Children will always be unique in their own way. With their distinct personalities, it is common for siblings to argue, and to get into fights. And as they go through different stages of growth and development, their varying needs can result to jealousy and disputes. Sibling rivalry is common among children, and it is a normal part of their growing up years.

Children can fight over petty things, but it can be influenced by a child’s developmental stage. Toddlers can be so particular about ownership, and if a sister or brother does not respect his “property rights”, they are bound to get into a fight. School-aged children may be more concerned about equality, and they are very sensitive as to how another child may be treated differently. They can never settle for reasons like, “Your sister is still a baby”. When kids frequently fight, it can be stressful for the entire family.

In order to promote a peaceful atmosphere at home, parents need to effectively deal with conflicts, and at the same time promote a loving relationship among siblings. Parents should only get involved, only when it is absolutely necessary. This will teach children to sort their differences on their own. They need to learn how to properly handle disputes and strong emotions, so they can better cope with the challenges ahead.

If you need to intervene, avoid taking sides and do not put the blame, on any of your child. If name-calling is an issue, guide your kids to appropriately express how they are feeling. Sometimes, children may need some time apart before they can settle their differences. This may be necessary, especially when both kids are unreasonably angry. Settling disputes when both kids are angry may only re-escalate the fight.

Children also look up to their parents, and they may adopt the way their parents handle conflicts. If they see their parents shouting, or arguing loudly during a fight, they may also develop these habits later on. On the contrary, if they see that their parents resolve conflicts in a respectful and productive manner, they may be guided as to how they can effectively respond to disputes.

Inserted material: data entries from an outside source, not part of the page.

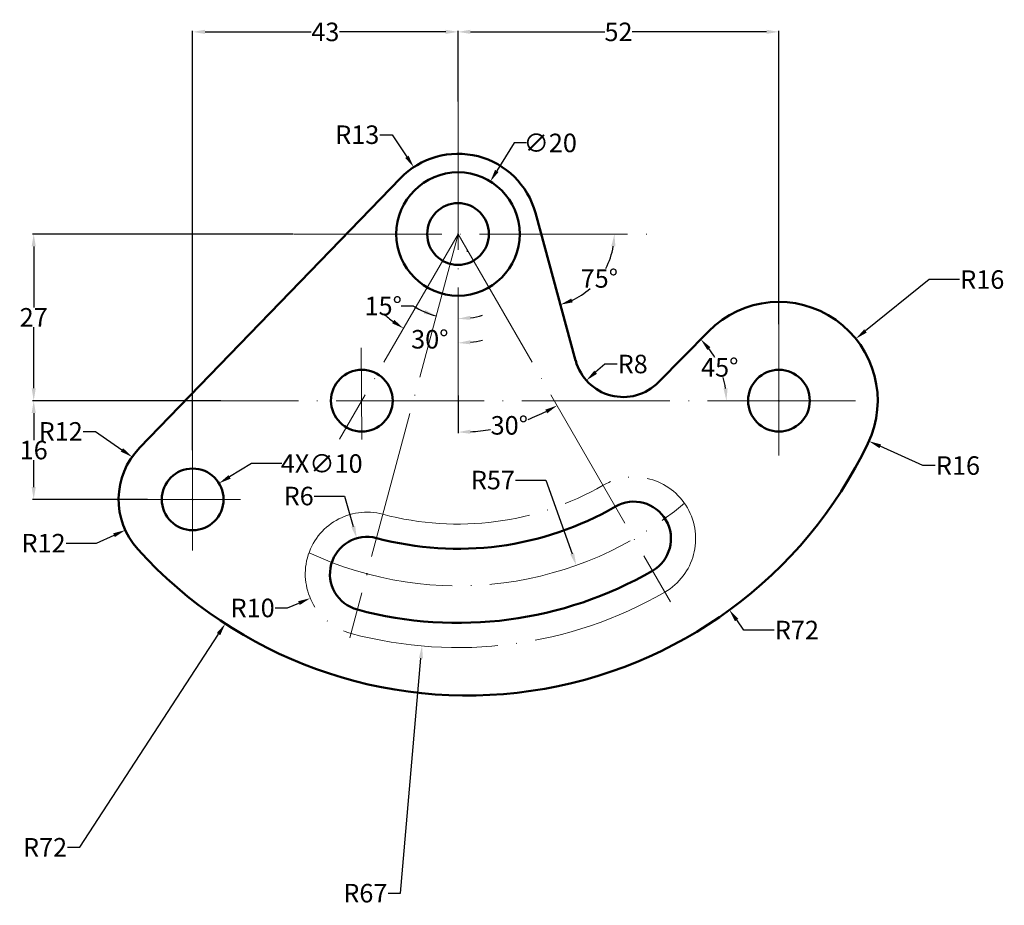
# Model space of a CAD drawing. Units: inches. Extents: x 244 to 404, y 121 to 265.
import ezdxf

# ---------------------------------------------------------------- set-up
doc = ezdxf.new("R2010")
doc.units = ezdxf.units.IN
doc.header["$MEASUREMENT"] = 0
doc.linetypes.add('ACAD_ISO04W100', pattern=[30, 24, -3, 0, -3])
for name, color, linetype, lineweight in [('M-CNTR', 4, 'ACAD_ISO04W100', 18), ('M-CONS', 4, 'ACAD_ISO04W100', 18), ('M-DIMS', 2, 'Continuous', 25), ('M-OUTL', 7, 'Continuous', 50)]:
    doc.layers.add(name, color=color, linetype=linetype, lineweight=lineweight)
doc.styles.get("Standard").update_dxf_attribs({"font": 'arial.ttf'})
doc.dimstyles.get("Standard").update_dxf_attribs({"dimtxt": 3, "dimasz": 2, "dimexe": 0.18, "dimexo": 0.0625, "dimgap": 0.09, "dimtad": 0, "dimtih": 1, "dimtoh": 1, "dimdec": 0, "dimzin": 0, "dimdsep": 46, "dimtxsty": 'Standard', "dimcen": 0.09, "dimadec": 0, "dimazin": 0, "dimtfac": 1, "dimtdec": 0, "dimtofl": 0, "dimtmove": 0, "dimatfit": 3, "dimfxl": 1, "dimtolj": 1, "dimtzin": 0, "dimarcsym": 0})

# ---------------------------------------------------------------- blocks, each defined once
blk = doc.blocks.new('*D1')
at = {"layer": 'Defpoints', "color": 0, "transparency": 16777216}
for p in [(316.73, 227.26), (359.19, 169.11)]:
    blk.add_point(p, dxfattribs=at)
at = {"layer": 'M-DIMS', "color": 0, "lineweight": -2, "transparency": 16777216}
for p, q in [((316.64, 227.26), (316.82, 227.26)), ((316.73, 227.17), (316.73, 227.35)), ((361.55, 165.87), (360.37, 167.5)), ((366.47, 165.87), (361.55, 165.87))]:
    blk.add_line(p, q, dxfattribs=at)
at = {"layer": 'M-DIMS', "color": 0, "transparency": 16777216}
blk.add_solid([(360.64, 167.69), (360.1, 167.3), (359.19, 169.11)], dxfattribs=at)
at = {"layer": 'M-DIMS', "color": 0, "transparency": 16777216, "insert": (370.13, 165.87), "char_height": 3, "attachment_point": 5}
blk.add_mtext('\\A1;R72', dxfattribs=at)
blk = doc.blocks.new('*D2')
at = {"layer": 'Defpoints', "color": 0, "transparency": 16777216}
for p in [(315.22, 230.03), (334.38, 176.35)]:
    blk.add_point(p, dxfattribs=at)
at = {"layer": 'M-DIMS', "color": 0, "lineweight": -2, "transparency": 16777216}
for p, q in [((324.54, 190.17), (329.45, 190.17)), ((329.45, 190.17), (333.71, 178.23))]:
    blk.add_line(p, q, dxfattribs=at)
at = {"layer": 'M-DIMS', "color": 0, "transparency": 16777216}
blk.add_solid([(334.02, 178.35), (333.4, 178.12), (334.38, 176.35)], dxfattribs=at)
at = {"layer": 'M-DIMS', "color": 0, "transparency": 16777216, "insert": (320.87, 190.17), "char_height": 3, "attachment_point": 5}
blk.add_mtext('\\A1;R57', dxfattribs=at)
blk = doc.blocks.new('*D3')
at = {"layer": 'Defpoints', "color": 0, "transparency": 16777216}
for p in [(300.47, 174.97), (291.28, 171.03)]:
    blk.add_point(p, dxfattribs=at)
at = {"layer": 'M-DIMS', "color": 0, "lineweight": -2, "transparency": 16777216}
for p, q in [((300.38, 174.97), (300.56, 174.97)), ((300.47, 174.88), (300.47, 175.06)), ((285.61, 169.45), (287.61, 169.45)), ((287.61, 169.45), (289.44, 170.24))]:
    blk.add_line(p, q, dxfattribs=at)
at = {"layer": 'M-DIMS', "color": 0, "transparency": 16777216}
blk.add_solid([(289.31, 170.54), (289.57, 169.93), (291.28, 171.03)], dxfattribs=at)
at = {"layer": 'M-DIMS', "color": 0, "transparency": 16777216, "insert": (281.94, 169.45), "char_height": 3, "attachment_point": 5}
blk.add_mtext('\\A1;R10', dxfattribs=at)
blk = doc.blocks.new('*D4')
at = {"layer": 'Defpoints', "color": 0, "transparency": 16777216}
for p in [(298.8, 180.74), (300.47, 174.97)]:
    blk.add_point(p, dxfattribs=at)
at = {"layer": 'M-DIMS', "color": 0, "lineweight": -2, "transparency": 16777216}
for p, q in [((291.91, 187.58), (296.81, 187.58)), ((296.81, 187.58), (298.24, 182.66)), ((300.38, 174.97), (300.56, 174.97)), ((300.47, 174.88), (300.47, 175.06))]:
    blk.add_line(p, q, dxfattribs=at)
at = {"layer": 'M-DIMS', "color": 0, "transparency": 16777216}
blk.add_solid([(298.56, 182.75), (297.92, 182.57), (298.8, 180.74)], dxfattribs=at)
at = {"layer": 'M-DIMS', "color": 0, "transparency": 16777216, "insert": (289.4, 187.58), "char_height": 3, "attachment_point": 5}
blk.add_mtext('\\A1;R6', dxfattribs=at)
blk = doc.blocks.new('*D5')
at = {"layer": 'Defpoints', "color": 0, "transparency": 16777216}
for p in [(272.22, 187.03), (261.3, 182.06)]:
    blk.add_point(p, dxfattribs=at)
at = {"layer": 'M-DIMS', "color": 0, "lineweight": -2, "transparency": 16777216}
for p, q in [((272.13, 187.03), (272.31, 187.03)), ((272.22, 186.94), (272.22, 187.12)), ((256.64, 179.94), (259.48, 181.23)), ((251.72, 179.94), (256.64, 179.94))]:
    blk.add_line(p, q, dxfattribs=at)
at = {"layer": 'M-DIMS', "color": 0, "transparency": 16777216}
blk.add_solid([(259.34, 181.54), (259.62, 180.93), (261.3, 182.06)], dxfattribs=at)
at = {"layer": 'M-DIMS', "color": 0, "transparency": 16777216, "insert": (248.06, 179.94), "char_height": 3, "attachment_point": 5}
blk.add_mtext('\\A1;R12', dxfattribs=at)
blk = doc.blocks.new('*D6')
at = {"layer": 'Defpoints', "color": 0, "transparency": 16777216}
for p in [(276.49, 189.64), (267.95, 184.43)]:
    blk.add_point(p, dxfattribs=at)
at = {"layer": 'M-DIMS', "color": 0, "lineweight": -2, "transparency": 16777216}
for p, q in [((281.73, 192.84), (278.2, 190.68)), ((286.65, 192.84), (281.73, 192.84)), ((272.13, 187.03), (272.31, 187.03)), ((272.22, 186.94), (272.22, 187.12))]:
    blk.add_line(p, q, dxfattribs=at)
at = {"layer": 'M-DIMS', "color": 0, "transparency": 16777216}
blk.add_solid([(278.02, 190.96), (278.37, 190.39), (276.49, 189.64)], dxfattribs=at)
at = {"layer": 'M-DIMS', "color": 0, "transparency": 16777216, "insert": (293.13, 192.84), "char_height": 3, "attachment_point": 5}
blk.add_mtext('\\A1;4X∅10', dxfattribs=at)
blk = doc.blocks.new('*D7')
at = {"layer": 'Defpoints', "color": 0, "transparency": 16777216}
for p in [(246.46, 203.03), (276.82, 203.03), (264.96, 187.03)]:
    blk.add_point(p, dxfattribs=at)
at = {"layer": 'M-DIMS', "color": 0, "lineweight": -2, "transparency": 16777216}
for p, q in [((276.76, 203.03), (246.28, 203.03)), ((246.46, 201.03), (246.46, 196.65)), ((246.46, 189.03), (246.46, 193.41)), ((264.89, 187.03), (246.28, 187.03))]:
    blk.add_line(p, q, dxfattribs=at)
at = {"layer": 'M-DIMS', "color": 0, "transparency": 16777216}
for points in [[(246.13, 201.03), (246.8, 201.03), (246.46, 203.03)], [(246.13, 189.03), (246.8, 189.03), (246.46, 187.03)]]:
    blk.add_solid(points, dxfattribs=at)
at = {"layer": 'M-DIMS', "color": 0, "transparency": 16777216, "insert": (246.46, 195.03), "char_height": 3, "attachment_point": 5}
blk.add_mtext('\\A1;16', dxfattribs=at)
blk = doc.blocks.new('*D8')
at = {"layer": 'Defpoints', "color": 0, "transparency": 16777216}
for p in [(246.46, 230.03), (288.6, 230.03), (276.82, 203.03)]:
    blk.add_point(p, dxfattribs=at)
at = {"layer": 'M-DIMS', "color": 0, "lineweight": -2, "transparency": 16777216}
for p, q in [((288.53, 230.03), (246.28, 230.03)), ((246.46, 228.03), (246.46, 218.13)), ((246.46, 205.03), (246.46, 214.94)), ((276.76, 203.03), (246.28, 203.03))]:
    blk.add_line(p, q, dxfattribs=at)
at = {"layer": 'M-DIMS', "color": 0, "transparency": 16777216}
for points in [[(246.13, 228.03), (246.8, 228.03), (246.46, 230.03)], [(246.13, 205.03), (246.8, 205.03), (246.46, 203.03)]]:
    blk.add_solid(points, dxfattribs=at)
at = {"layer": 'M-DIMS', "color": 0, "transparency": 16777216, "insert": (246.46, 216.53), "char_height": 3, "attachment_point": 5}
blk.add_mtext('\\A1;27', dxfattribs=at)
blk = doc.blocks.new('*D9')
at = {"layer": 'Defpoints', "color": 0, "transparency": 16777216}
for p in [(315.22, 262.78), (315.22, 251.46), (272.22, 194.96)]:
    blk.add_point(p, dxfattribs=at)
at = {"layer": 'M-DIMS', "color": 0, "lineweight": -2, "transparency": 16777216}
for p, q in [((272.22, 195.02), (272.22, 262.96)), ((274.22, 262.78), (291.42, 262.78)), ((313.22, 262.78), (296.02, 262.78)), ((315.22, 251.52), (315.22, 262.96))]:
    blk.add_line(p, q, dxfattribs=at)
at = {"layer": 'M-DIMS', "color": 0, "transparency": 16777216}
for points in [[(274.22, 263.12), (274.22, 262.45), (272.22, 262.78)], [(313.22, 263.12), (313.22, 262.45), (315.22, 262.78)]]:
    blk.add_solid(points, dxfattribs=at)
at = {"layer": 'M-DIMS', "color": 0, "transparency": 16777216, "insert": (293.72, 262.78), "char_height": 3, "attachment_point": 5}
blk.add_mtext('\\A1;43', dxfattribs=at)
blk = doc.blocks.new('*D10')
at = {"layer": 'Defpoints', "color": 0, "transparency": 16777216}
for p in [(367.22, 262.78), (315.22, 251.46), (367.22, 215.36)]:
    blk.add_point(p, dxfattribs=at)
at = {"layer": 'M-DIMS', "color": 0, "lineweight": -2, "transparency": 16777216}
for p, q in [((315.22, 251.52), (315.22, 262.96)), ((317.22, 262.78), (339, 262.78)), ((365.22, 262.78), (343.44, 262.78)), ((367.22, 215.43), (367.22, 262.96))]:
    blk.add_line(p, q, dxfattribs=at)
at = {"layer": 'M-DIMS', "color": 0, "transparency": 16777216}
for points in [[(317.22, 263.12), (317.22, 262.45), (315.22, 262.78)], [(365.22, 263.12), (365.22, 262.45), (367.22, 262.78)]]:
    blk.add_solid(points, dxfattribs=at)
at = {"layer": 'M-DIMS', "color": 0, "transparency": 16777216, "insert": (341.22, 262.78), "char_height": 3, "attachment_point": 5}
blk.add_mtext('\\A1;52', dxfattribs=at)
blk = doc.blocks.new('*D11')
at = {"layer": 'Defpoints', "color": 0, "transparency": 16777216}
for p in [(379.68, 213.07), (367.22, 203.03)]:
    blk.add_point(p, dxfattribs=at)
at = {"layer": 'M-DIMS', "color": 0, "lineweight": -2, "transparency": 16777216}
for p, q in [((391.58, 222.65), (381.24, 214.32)), ((396.49, 222.65), (391.58, 222.65)), ((367.13, 203.03), (367.31, 203.03)), ((367.22, 202.94), (367.22, 203.12))]:
    blk.add_line(p, q, dxfattribs=at)
at = {"layer": 'M-DIMS', "color": 0, "transparency": 16777216}
blk.add_solid([(381.03, 214.58), (381.45, 214.06), (379.68, 213.07)], dxfattribs=at)
at = {"layer": 'M-DIMS', "color": 0, "transparency": 16777216, "insert": (400.17, 222.65), "char_height": 3, "attachment_point": 5}
blk.add_mtext('\\A1;R16', dxfattribs=at)
blk = doc.blocks.new('*D12')
at = {"layer": 'Defpoints', "color": 0, "transparency": 16777216}
for p in [(315.22, 251.46), (315.22, 230.03), (314.02, 216.35), (315.22, 203.92), (297.69, 164.61)]:
    blk.add_point(p, dxfattribs=at)
at = {"layer": 'M-DIMS', "color": 0, "lineweight": -2, "transparency": 16777216}
blk.add_line((308, 218.36), (306, 218.36), dxfattribs=at)
for start, end in [(238.2486, 255), (238.2934, 246.6467), (278.3533, 286.7066)]:
    blk.add_arc((315.22, 230.03), 13.73, start, end, dxfattribs=at)
at = {"layer": 'M-DIMS', "color": 0, "transparency": 16777216}
for points in [[(309.89, 217.74), (309.67, 217.11), (311.67, 216.77)], [(317.24, 216.12), (317.19, 216.78), (315.22, 216.3)]]:
    blk.add_solid(points, dxfattribs=at)
at = {"layer": 'M-DIMS', "color": 0, "transparency": 16777216, "insert": (303.1, 218.36), "char_height": 3, "attachment_point": 5}
blk.add_mtext('\\A1;15°', dxfattribs=at)
blk = doc.blocks.new('*D13')
at = {"layer": 'Defpoints', "color": 0, "transparency": 16777216}
for p in [(315.22, 251.46), (315.22, 230.03), (315.22, 203.92), (320.79, 198.42), (349.63, 170.43)]:
    blk.add_point(p, dxfattribs=at)
at = {"layer": 'M-DIMS', "color": 0, "lineweight": -2, "transparency": 16777216}
blk.add_line((315.22, 203.86), (315.22, 197.75), dxfattribs=at)
for start, end in [(290.6871, 296.4296), (273.5704, 279.4609)]:
    blk.add_arc((315.22, 230.03), 32.1, start, end, dxfattribs=at)
at = {"layer": 'M-DIMS', "color": 0, "transparency": 16777216}
for points in [[(329.35, 201.58), (329.67, 200.99), (331.27, 202.23)], [(317.23, 197.66), (317.21, 198.33), (315.22, 197.93)]]:
    blk.add_solid(points, dxfattribs=at)
at = {"layer": 'M-DIMS', "color": 0, "transparency": 16777216, "insert": (323.53, 199.03), "char_height": 3, "attachment_point": 5}
blk.add_mtext('\\A1;30°', dxfattribs=at)
blk = doc.blocks.new('*D14')
at = {"layer": 'Defpoints', "color": 0, "transparency": 16777216}
for p in [(315.22, 251.46), (315.22, 230.03), (309.18, 213.44), (315.22, 203.92), (296.03, 196.79)]:
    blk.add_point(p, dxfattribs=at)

You may also take steps to prevent conflicts at home. Make sure that your children understand and obey the rules at home. They need to learn how they can be accountable for their own actions. If necessary, schedule weekly family meetings so that issues can be raised and settled.

It is also important that you spend quality time with your children. A one-on-one time with each child can help them feel more secured. They should know that they are loved despite their differences. Family fun time can also be a way to help your children get along. Watch movies, play games, and do fun activities together. This will give your children an opportunity to bond, and it also promotes a healthy relationship between them.

Your children may have different temperaments, and they may argue over unnecessary things, but they still belong to one family. Conflicts may be inevitable, but when children are taught to work things out, they can constructively deal with negative emotions. And when they grow past these stages, sibling rivalry will only be a thing of the past.